Broken of Britain are running  #tag campaign on Twitter for the next couple of days, for any clicktivists with a few seconds to spare.

#dwp45

#fitforwork


----------



## treelover (Apr 8, 2011)

will the PCS strike be partly about these conditions?


----------



## Fedayn (Apr 8, 2011)

treelover said:


> will the PCS strike be partly about these conditions?


 
The strike on 18th April? Not so much, however i'm pretty sure the increased attacks on sickness will have been part of the strike vote. These measures got worse yesterday when they arbitrarily removed extra days before disciplinary procedures begin for all those except those classed as disabled. However the definition of who is disabled and who makes that decision is as yet unexplained. The strike is about the minute time management of staff in these centres including the imposition of a certain amount of time to use the toilet.....


----------



## tar1984 (Apr 8, 2011)

Fedayn said:


> The strike is about the minute time management of staff in these centres including the imposition of a certain amount of time to use the toilet.....


 
Call-centres have had this for years.


----------



## Fedayn (Apr 8, 2011)

tar1984 said:


> Call-centres have had this for years.


 
Many in the private sector have yes, I used to work in one before I started in DWP.


----------



## tar1984 (Apr 8, 2011)

It's a total fucker.  Every second on a shift you have to type a code into the phone to account for your activites - too much time in one code and the managers are straight on you.  It's awful for morale and something worth striking for imo.  We never had strikes but that might be because everyone was on flimsy contracts rather than the union (CWU) being useless.  Anyway good luck with it all.


----------



## josef1878 (Apr 8, 2011)

tar1984 said:


> Call-centres have had this for years.


 
Some JCP call, sorry contact centre managers jump on people after 12 and a half minutes away from their desks for 'comfort' breaks. IN A WORKING DAY! So, if you've got the shits these days your fit enough to be at work but when you turn up we'll sack you for having a shit or two.


----------



## tar1984 (Apr 8, 2011)

josef1878 said:


> Some JCP call, sorry contact centre managers jump on people after 12 and a half minutes away from their desks for 'comfort' breaks. IN A WORKING DAY! So, if you've got the shits these days your fit enough to be at work but when you turn up we'll sack you for having a shit or two.

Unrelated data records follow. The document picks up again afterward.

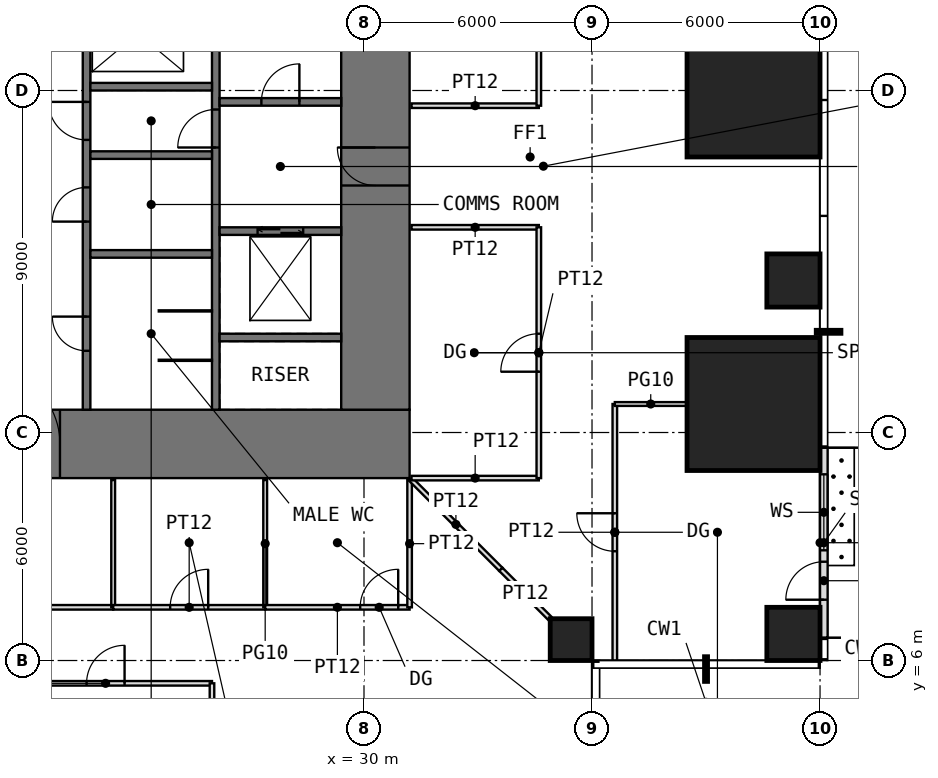
"""IFC4 building model, lengths in metres.
Left out: names, types, materials, properties, quantities, classifications, styles, units other than length and angle.
Written with IfcOpenShell. Run it as: python <this file> out.ifc"""

import sys

from ifc_helpers import new_model, si_unit, direction, frame, frame_2d, origin, origin_2d, place, context, subcontext, project, spatial, rectangle, extrude, element, fill, save


model = new_model("IFC4")
c1 = context("Model", 3, precision=1e-05, world=origin(), true_north=direction((0.0, 1.0)))
c2 = subcontext(c1, "Body", "Model", "MODEL_VIEW")
j1 = project(units=[si_unit("LENGTHUNIT", "METRE"), si_unit("PLANEANGLEUNIT", "RADIAN")], contexts=[c1])
p1 = place(None, origin())
s1 = spatial("IfcSite", under=j1, at=p1, CompositionType="ELEMENT")
p2 = place(p1, origin())
s2 = spatial("IfcBuilding", under=s1, at=p2, CompositionType="ELEMENT")
p3 = place(p2, frame((0.0, 0.0, 42.5)))
s3 = spatial("IfcBuildingStorey", under=s2, at=p3, CompositionType="ELEMENT", Elevation=42.5)
p4 = place(p3, frame((35.45, 6.55, 0.0), z_axis=(0.0, 0.0, 1.0), x_axis=(1.0, 0.0, 0.0)))
e1 = element("IfcColumn", 1, at=p4, inside=s3, PredefinedType="COLUMN", context=c2, shape_type="SweptSolid", body=[
    extrude(rectangle(XDim=1.1, YDim=1.1, at=origin_2d()), origin(), (0.0, 0.0, 1.0), 4.0),
])
p5 = place(p3, frame((41.3, 6.7, 0.0), z_axis=(0.0, 0.0, 1.0), x_axis=(1.0, 0.0, 0.0)))
e2 = element("IfcColumn", 2, at=p5, inside=s3, PredefinedType="COLUMN", context=c2, shape_type="SweptSolid", body=[
    extrude(rectangle(XDim=1.4, YDim=1.4, at=origin_2d()), origin(), (0.0, 0.0, 1.0), 4.0),
])
p6 = place(p3, frame((40.25, 12.75, 0.0), z_axis=(0.0, 0.0, 1.0), x_axis=(1.0, 0.0, 0.0)))
e3 = element("IfcColumn", 3, at=p6, inside=s3, PredefinedType="COLUMN", context=c2, shape_type="SweptSolid", body=[
    extrude(rectangle(XDim=3.5, YDim=3.5, at=origin_2d()), origin(), (0.0, 0.0, 1.0), 4.0),
])
p7 = place(p3, frame((41.3, 16.0, 0.0), z_axis=(0.0, 0.0, 1.0), x_axis=(1.0, 0.0, 0.0)))
e4 = element("IfcColumn", 4, at=p7, inside=s3, PredefinedType="COLUMN", context=c2, shape_type="SweptSolid", body=[
    extrude(rectangle(XDim=1.4, YDim=1.4, at=origin_2d()), origin(), (0.0, 0.0, 1.0), 4.0),
])
p8 = place(p3, frame((40.25, 21.0, 0.0), z_axis=(0.0, 0.0, 1.0), x_axis=(1.0, 0.0, 0.0)))
e5 = element("IfcColumn", 5, at=p8, inside=s3, PredefinedType="COLUMN", context=c2, shape_type="SweptSolid", body=[
    extrude(rectangle(XDim=3.5, YDim=3.5, at=origin_2d()), origin(), (0.0, 0.0, 1.0), 4.0),
])
p9 = place(p3, frame((42.1, 6.6, 0.0), z_axis=(0.0, 0.0, 1.0), x_axis=(0.0, 1.0, 0.0)))
e6 = element("IfcWall", 6, at=p9, inside=s3, PredefinedType="USERDEFINED", context=c2, shape_type="SweptSolid", body=[
    extrude(rectangle(XDim=5.0, YDim=0.2, at=frame_2d((2.5, 0.0))), origin(), (0.0, 0.0, 1.0), 3.75),
])
p10 = place(p9, frame((1.0, 0.0, 0.0)))
e7 = element("IfcOpeningElement", 7, at=p10, cuts=e6, PredefinedType="OPENING", context=c2, shape_type="SweptSolid", body=[
    extrude(rectangle(XDim=1.0, YDim=2.4, at=frame_2d((0.5, 1.2))), frame((0.0, 0.11, 0.0), z_axis=(0.0, -1.0, 0.0), x_axis=(1.0, 0.0, 0.0)), (0.0, 0.0, 1.0), 0.22),
])
p11 = place(p9, frame((2.3, 0.0, 0.3)))
e8 = element("IfcOpeningElement", 8, at=p11, cuts=e6, PredefinedType="OPENING", context=c2, shape_type="SweptSolid", body=[
    extrude(rectangle(XDim=2.0, YDim=2.7, at=frame_2d((1.0, 1.35))), frame((0.0, 0.11, 0.0), z_axis=(0.0, -1.0, 0.0), x_axis=(1.0, 0.0, 0.0)), (0.0, 0.0, 1.0), 0.22),
])
p12 = place(p3, frame((10.8, 11.7, -0.05), z_axis=(0.0, 0.0, 1.0), x_axis=(1.0, 0.0, 0.0)))
e9 = element("IfcWall", 9, at=p12, inside=s3, PredefinedType="SHEAR", context=c2, shape_type="SweptSolid", body=[
    extrude(rectangle(XDim=20.4, YDim=1.8, at=frame_2d((10.2, 0.0))), origin(), (0.0, 0.0, 1.0), 4.0),
])
p13 = place(p12, frame((9.2, 0.0, 0.05)))
e10 = element("IfcOpeningElement", 10, at=p13, cuts=e9, PredefinedType="OPENING", context=c2, shape_type="SweptSolid", body=[
    extrude(rectangle(XDim=2.0, YDim=2.2, at=frame_2d((1.0, 1.1))), frame((0.0, 0.91, 0.0), z_axis=(0.0, -1.0, 0.0), x_axis=(1.0, 0.0, 0.0)), (0.0, 0.0, 1.0), 1.82),
])
p14 = place(p3, frame((30.3, 12.6, -0.05), z_axis=(0.0, 0.0, 1.0), x_axis=(0.0, 1.0, 0.0)))
e11 = element("IfcWall", 11, at=p14, inside=s3, PredefinedType="SHEAR", context=c2, shape_type="SweptSolid", body=[
    extrude(rectangle(XDim=16.8, YDim=1.8, at=frame_2d((8.4, 0.0))), origin(), (0.0, 0.0, 1.0), 4.0),
])
p15 = place(p14, frame((5.9, 0.0, 0.05)))
e12 = element("IfcOpeningElement", 12, at=p15, cuts=e11, PredefinedType="OPENING", context=c2, shape_type="SweptSolid", body=[
    extrude(rectangle(XDim=1.0, YDim=2.2, at=frame_2d((0.5, 1.1))), frame((0.0, 0.91, 0.0), z_axis=(0.0, -1.0, 0.0), x_axis=(1.0, 0.0, 0.0)), (0.0, 0.0, 1.0), 1.82),
])
p16 = place(p3, frame((22.7, 12.6, -0.05), z_axis=(0.0, 0.0, 1.0), x_axis=(0.0, 1.0, 0.0)))
e13 = element("IfcWall", 13, at=p16, inside=s3, PredefinedType="SHEAR", context=c2, shape_type="SweptSolid", body=[
    extrude(rectangle(XDim=16.8, YDim=0.2, at=frame_2d((8.4, 0.0))), origin(), (0.0, 0.0, 1.0), 4.0),
])
p17 = place(p16, frame((7.1, 0.0, 0.05)))
e14 = element("IfcOpeningElement", 14, at=p17, cuts=e13, PredefinedType="OPENING", context=c2, shape_type="SweptSolid", body=[
    extrude(rectangle(XDim=1.0, YDim=2.2, at=frame_2d((0.5, 1.1))), frame((0.0, 0.11, 0.0), z_axis=(0.0, -1.0, 0.0), x_axis=(1.0, 0.0, 0.0)), (0.0, 0.0, 1.0), 0.22),
])
p18 = place(p16, frame((1.55, 0.0, 0.05)))
e15 = element("IfcOpeningElement", 15, at=p18, cuts=e13, PredefinedType="OPENING", context=c2, shape_type="SweptSolid", body=[
    extrude(rectangle(XDim=0.9, YDim=2.2, at=frame_2d((0.45, 1.1))), frame((0.0, 0.11, 0.0), z_axis=(0.0, -1.0, 0.0), x_axis=(1.0, 0.0, 0.0)), (0.0, 0.0, 1.0), 0.22),
])
p19 = place(p16, frame((4.95, 0.0, 0.05)))
e16 = element("IfcOpeningElement", 16, at=p19, cuts=e13, PredefinedType="OPENING", context=c2, shape_type="SweptSolid", body=[
    extrude(rectangle(XDim=0.9, YDim=2.2, at=frame_2d((0.45, 1.1))), frame((0.0, 0.11, 0.0), z_axis=(0.0, -1.0, 0.0), x_axis=(1.0, 0.0, 0.0)), (0.0, 0.0, 1.0), 0.22),
])
p20 = place(p3, frame((26.1, 12.6, -0.05), z_axis=(0.0, 0.0, 1.0), x_axis=(0.0, 1.0, 0.0)))
e17 = element("IfcWall", 17, at=p20, inside=s3, PredefinedType="SHEAR", context=c2, shape_type="SweptSolid", body=[
    extrude(rectangle(XDim=16.8, YDim=0.2, at=frame_2d((8.4, 0.0))), origin(), (0.0, 0.0, 1.0), 4.0),
])
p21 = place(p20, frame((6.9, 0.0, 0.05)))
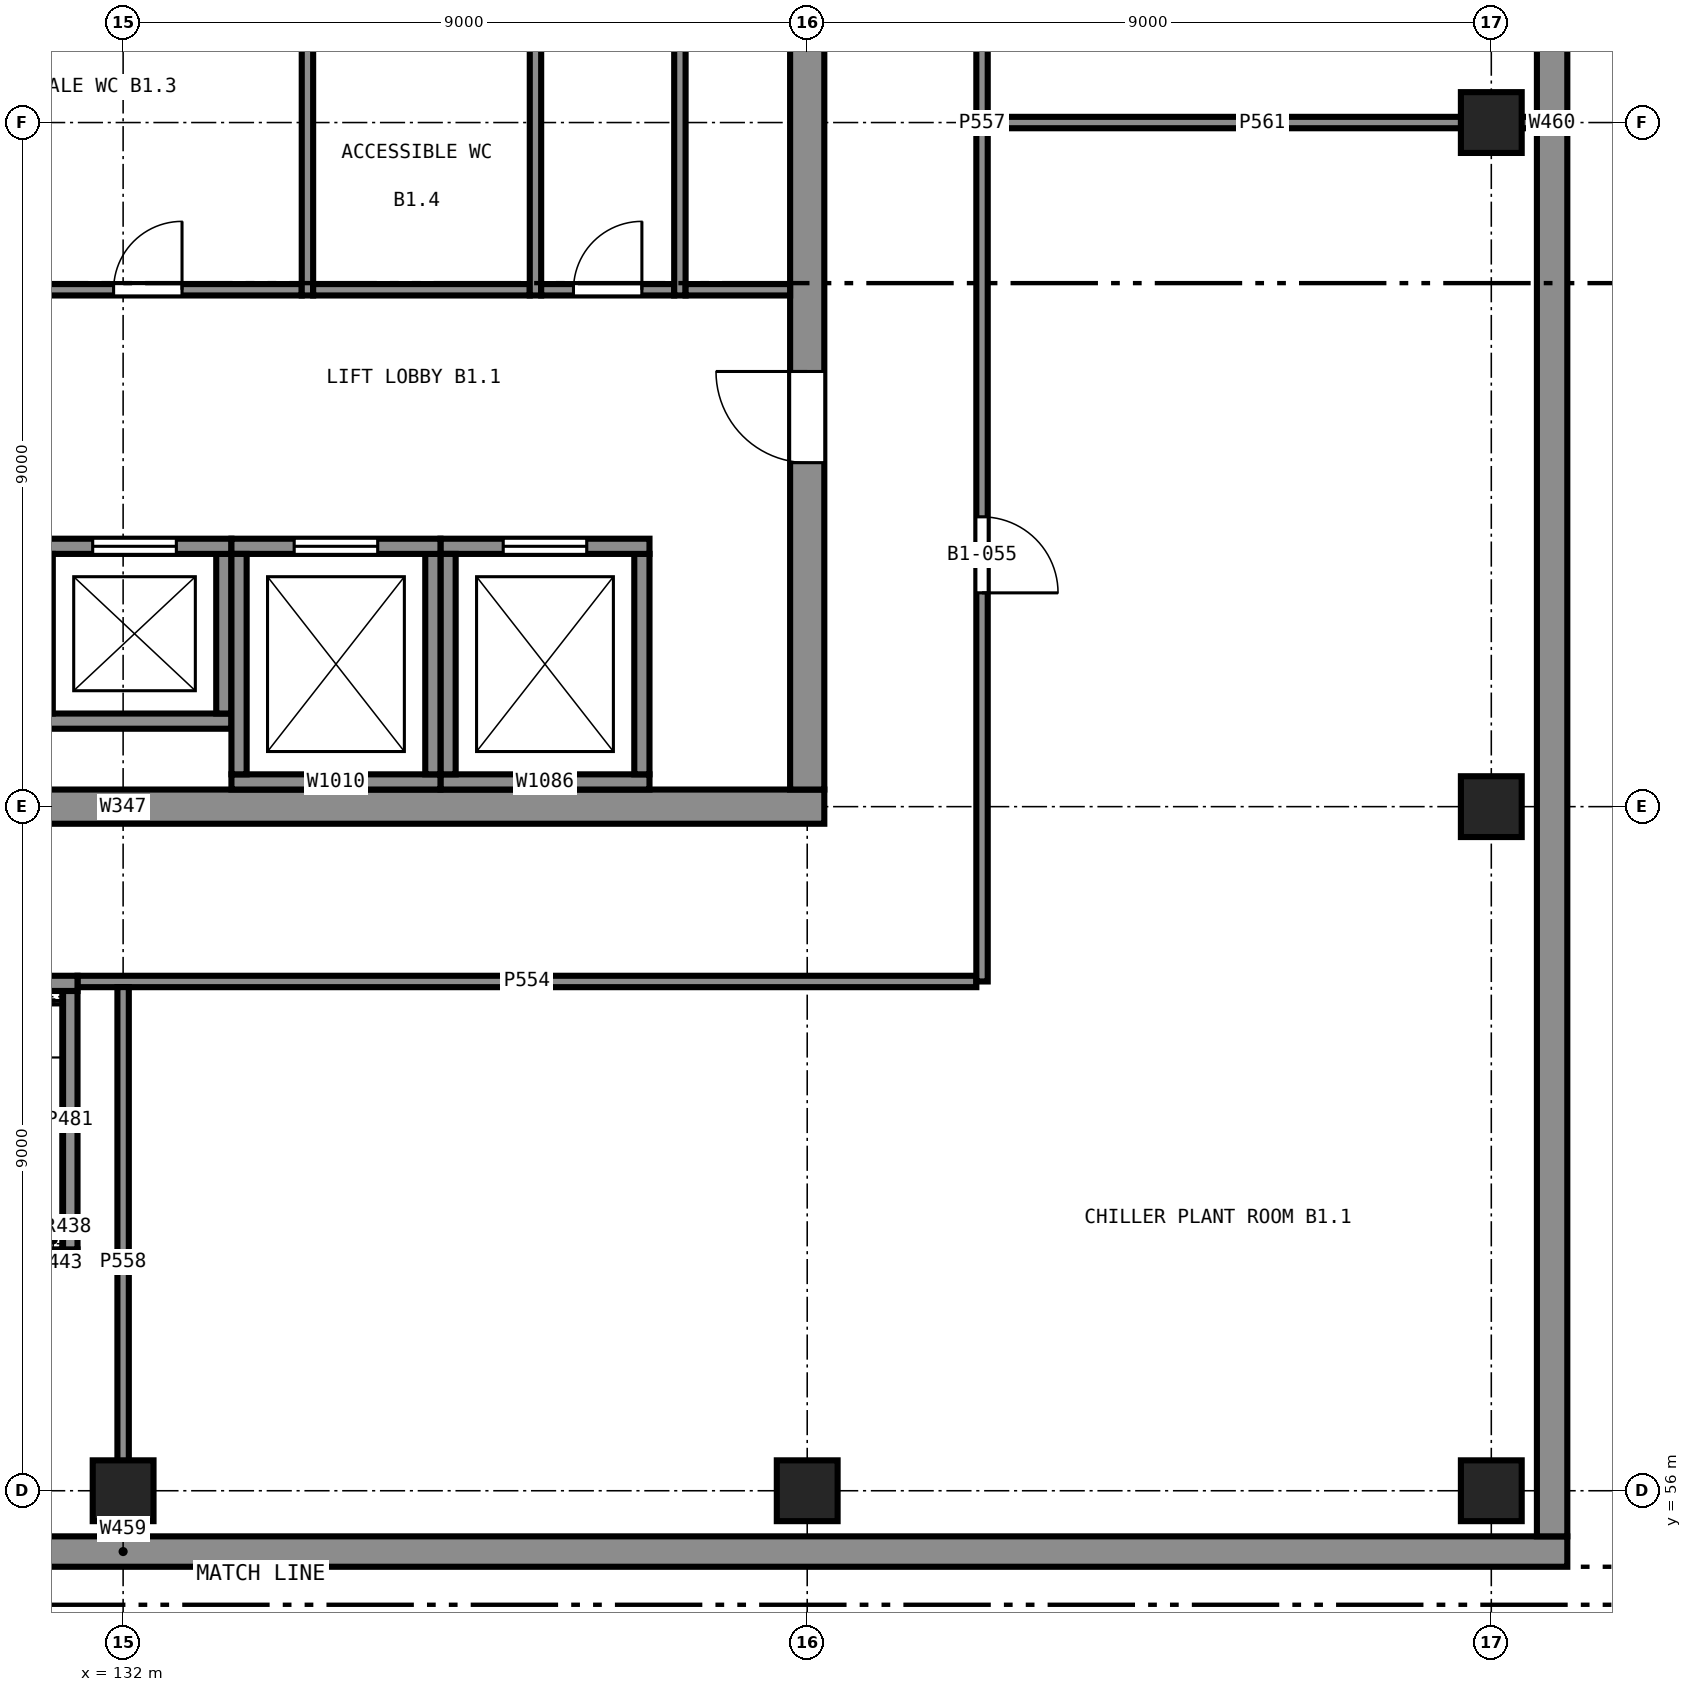
"""IFC4 building model, lengths in metres.
Left out: names, types, materials, properties, quantities, classifications, styles, units other than length and angle.
Written with IfcOpenShell. Run it as: python <this file> out.ifc"""

import sys

from ifc_helpers import new_model, si_unit, direction, frame, frame_2d, origin, origin_2d, place, context, subcontext, project, spatial, rectangle, extrude, element, fill, save


model = new_model("IFC4")
c1 = context("Model", 3, precision=1e-05, world=origin(), true_north=direction((0.0, 1.0)))
c2 = subcontext(c1, "Body", "Model", "MODEL_VIEW")
j1 = project(units=[si_unit("LENGTHUNIT", "METRE"), si_unit("PLANEANGLEUNIT", "RADIAN")], contexts=[c1])
p1 = place(None, origin())
s1 = spatial("IfcSite", under=j1, at=p1, CompositionType="ELEMENT")
p2 = place(p1, origin())
s2 = spatial("IfcBuilding", under=s1, at=p2, CompositionType="ELEMENT")
p3 = place(p2, frame((0.0, 0.0, -5.0)))
s3 = spatial("IfcBuildingStorey", under=s2, at=p3, CompositionType="ELEMENT", Elevation=-5.0)
for number, where, z_axis, x_axis in (
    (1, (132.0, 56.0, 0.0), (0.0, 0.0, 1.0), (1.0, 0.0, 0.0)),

In places like ClientLogic/Sitel you are allowed 15mins per day in 'activity 9' code (toilet break) but realistically if you're in any 'not ready'* code for more than a few minutes they're straight over giving you hell.  

They have a full-time employee watching the screen and it starts flashing after 2mins to flag up anyone in not ready.

*Not ready = not taking calls.


----------



## RaverDrew (Apr 8, 2011)

Very interesting turn of events today. Fed, have heard very similar things btw from another PCS active member who is being very co-operative ;-)


----------



## BigTom (Apr 9, 2011)

ymu said:


> Broken of Britain are running  #tag campaign on Twitter for the next couple of days, for any clicktivists with a few seconds to spare.
> 
> #dwp45
> 
> #fitforwork



Some of these tweets are proper genius, well worth reading through, there's a strand of posts like "Narcoleptic? Get a job as a bed tester #fitforwork #dwp45" that ones a bit crap but I can't remember the really good ones, funny and sad at the same time.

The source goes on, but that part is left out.